一進門,便能聞見空氣中彌漫的甜香,吸一口氣都是甜蜜蜜的味道。

櫃臺後只有店員小姐姐,沒有阿洛想見的那個人,她也沒多失望,畢竟早就習慣了謝無年的神出鬼沒。

順勢買了杯奶茶,她一邊吸著奶茶,一邊往家裏走去。

快到海藍小區時,好幾只野貓從路邊的灌木叢裏跑出來,追逐著從阿洛身邊跑過,腳步輕盈無聲。

深秋的陽光明媚,卻並不灼熱,溫暖的金色夕陽照射下來,灑在房屋、樹木、行人身上,像是為這個世界披上了一層薄紗一般。

梧桐樹的葉子黃了,一片片雕零下來,掉落在紅綠相間的人行道上,一踩便咯吱一響,仿佛在嚼格外酥脆的薯片。
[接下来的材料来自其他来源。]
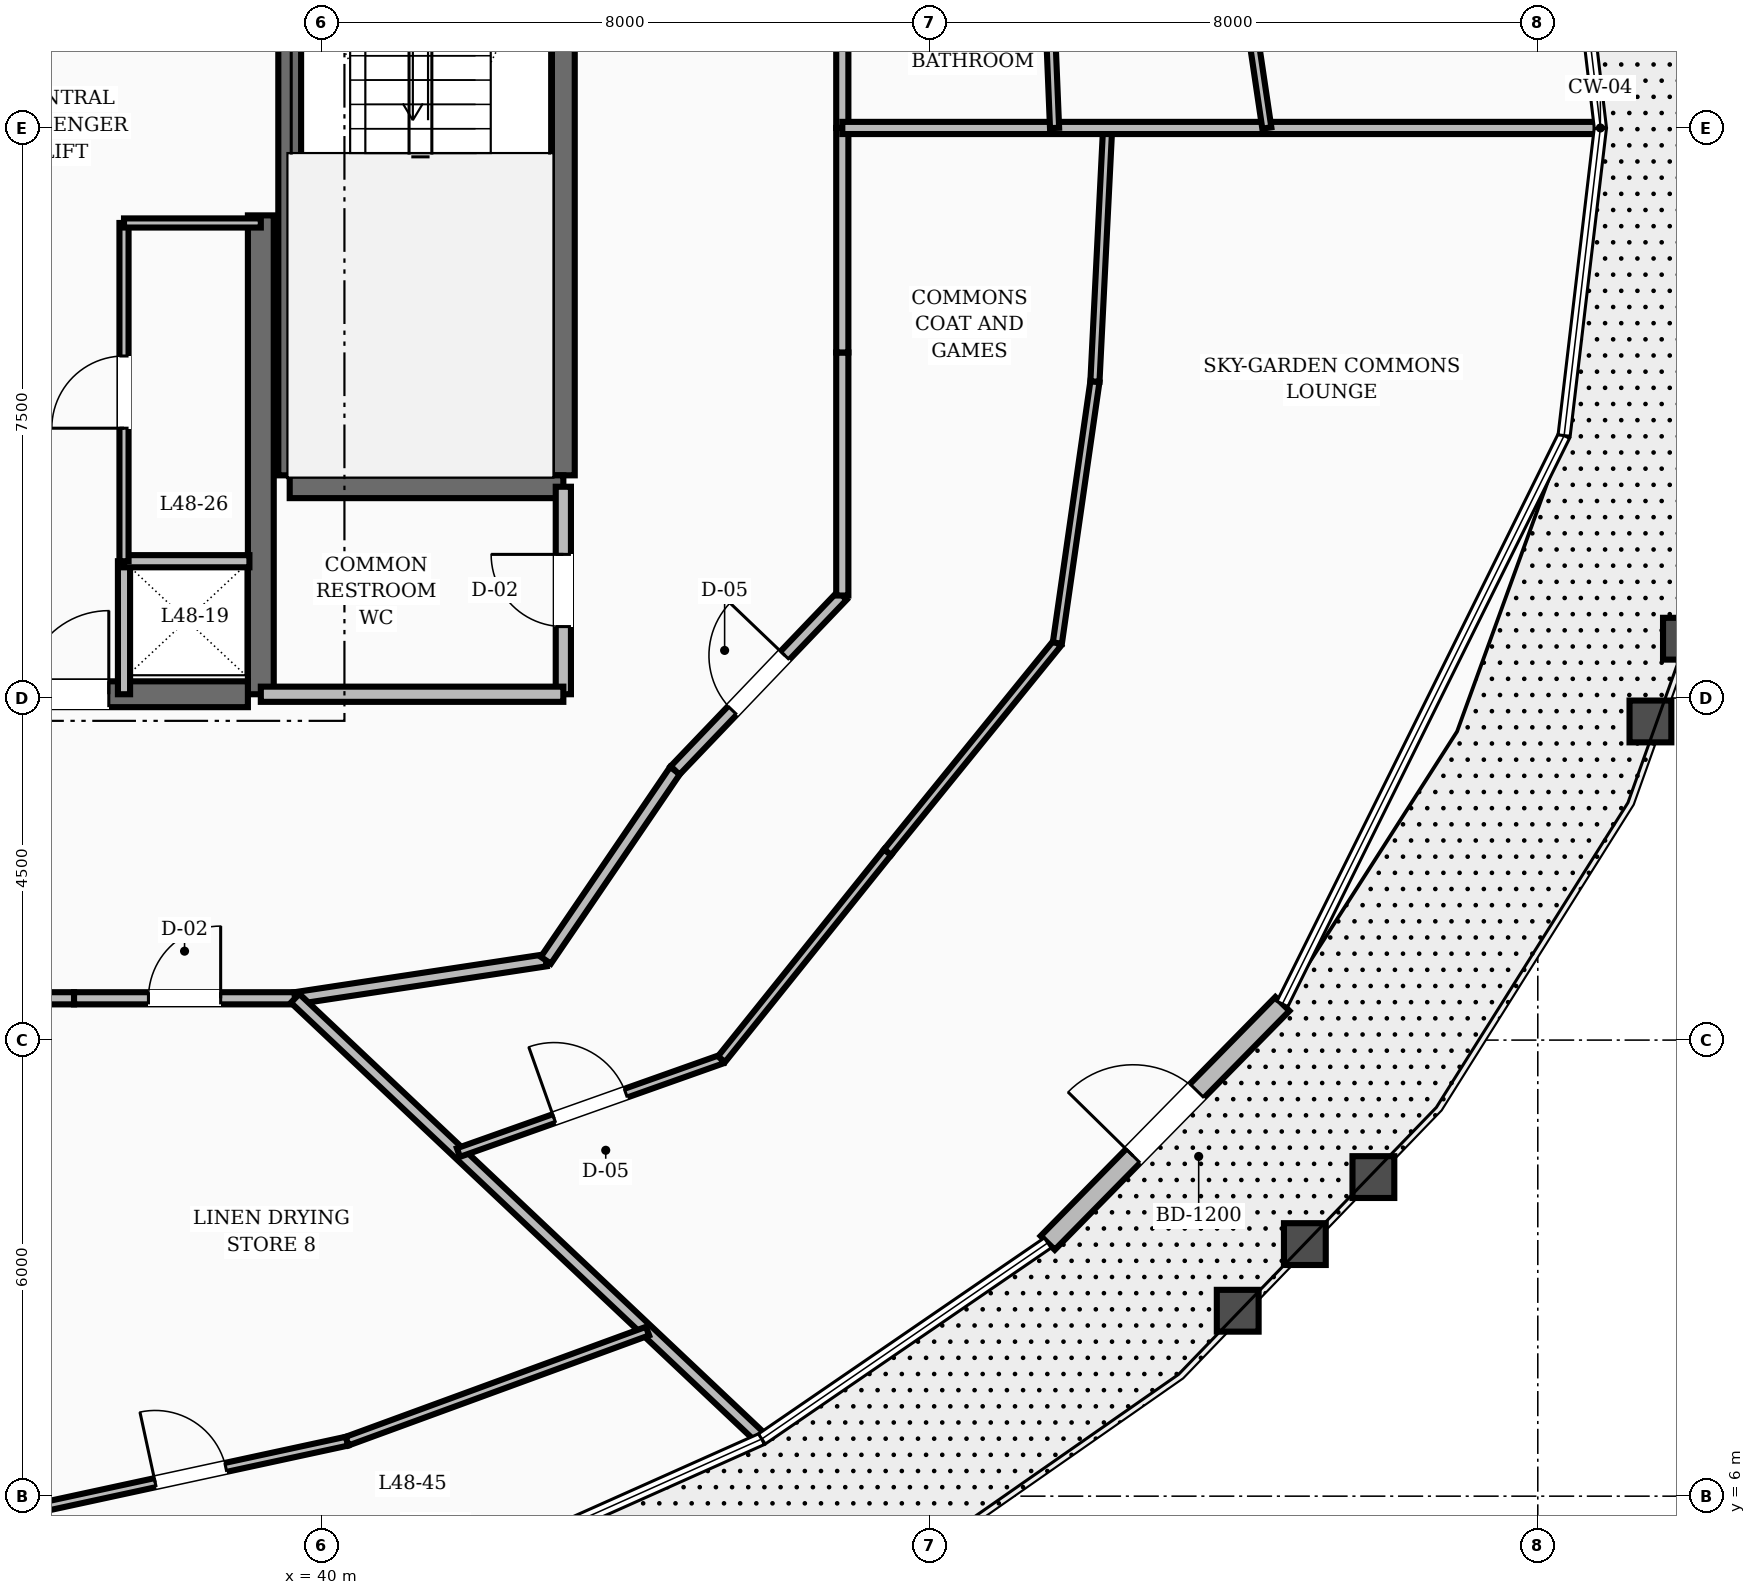
"""IFC4 building model, lengths in metres.
Left out: names, types, materials, properties, quantities, classifications, styles, units other than length and angle.
Written with IfcOpenShell. Run it as: python <this file> out.ifc"""

import sys

from ifc_helpers import new_model, si_unit, direction, frame, frame_2d, origin, place, context, subcontext, project, spatial, rectangle, extrude, element, fill, save


model = new_model("IFC4")
c1 = context("Model", 3, precision=1e-05, world=origin(), true_north=direction((0.0, 1.0)))
c2 = subcontext(c1, "Body", "Model", "MODEL_VIEW")
j1 = project(units=[si_unit("LENGTHUNIT", "METRE"), si_unit("PLANEANGLEUNIT", "RADIAN")], contexts=[c1])
p1 = place(None, origin())
s1 = spatial("IfcSite", under=j1, at=p1, CompositionType="ELEMENT")
p2 = place(p1, origin())
s2 = spatial("IfcBuilding", under=s1, at=p2, CompositionType="ELEMENT")
p3 = place(p2, frame((0.0, 0.0, 185.6)))
s3 = spatial("IfcBuildingStorey", under=s2, at=p3, CompositionType="ELEMENT", Elevation=185.6)
p4 = place(p3, frame((39.2, 16.55, 0.0), z_axis=(0.0, 0.0, 1.0), x_axis=(0.0, 1.0, 0.0)))
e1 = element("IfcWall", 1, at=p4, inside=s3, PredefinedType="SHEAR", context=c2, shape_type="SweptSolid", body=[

有調皮的小孩低著頭,特意在那些葉片上咯吱咯吱地踩過,如同在玩一個游戲。

微微的風拂過,不冷不熱的溫度舒適宜人,攜來不知何處的濃郁桂香。

阿洛就這麽慢慢走著,沐浴在溫柔的風與陽光中,沈重的心情卻無法變得輕松。

聽完那一個故事,她便想到了謝無年,想到他說的妹妹,也終於理解為什麽他要不辭辛苦地每天送她回家。

恐怕就像一朝被蛇咬,十年怕井繩一樣吧。

她無法形容自己此刻的心情,思考了很久,大概只有“心疼”二字可以概括,但她也心知肚明,謝無年不需要她的疼惜,他並不是個軟弱的人。

阿洛有些糾結的是,她一時都不知該怎麽與他相處,現在知曉了這件事,往後她還能在他面前表現地自然嗎?

這麽一想,幸好剛才在店裏沒見到他。

腦海中剛浮現這個念頭,視野中便出現一個男人的身影,他身形高挑修長,一襲黑風衣,只有一雙鞋勉強算的上白,頗有些風塵仆仆的味道。男人神情一如往常那般淡然安寧,手中捏著相機走在人行道上,恰好與阿洛面對著。

阿洛腳步頓時停住,站在原地不動了。

對方應該也看見了她,他一步步走過來,到她面前時也停了下來。

“謝老板。”阿洛吶吶地叫他。

謝無年總是對人的情緒格外敏感,也或許是表情。他黑眸微微瞇起,目光在阿洛臉上仔細梭尋,淡淡應道:“嗯,今天玩得不開心?”

阿洛連忙搖頭:“沒有,很開心。”

聽她這麽說,謝無年微微頷首,便不再問了。哪怕他已看出對方表情沈重,似乎有什麽心事的模樣。

青春期的少女,總是心事重重,不必太過深究。

更何況,姜洛與他不算多親密的關系,他雖然每日送她回家,那也只是出於一時的惻隱之心罷了,而不是真的將對方當成自己的妹妹。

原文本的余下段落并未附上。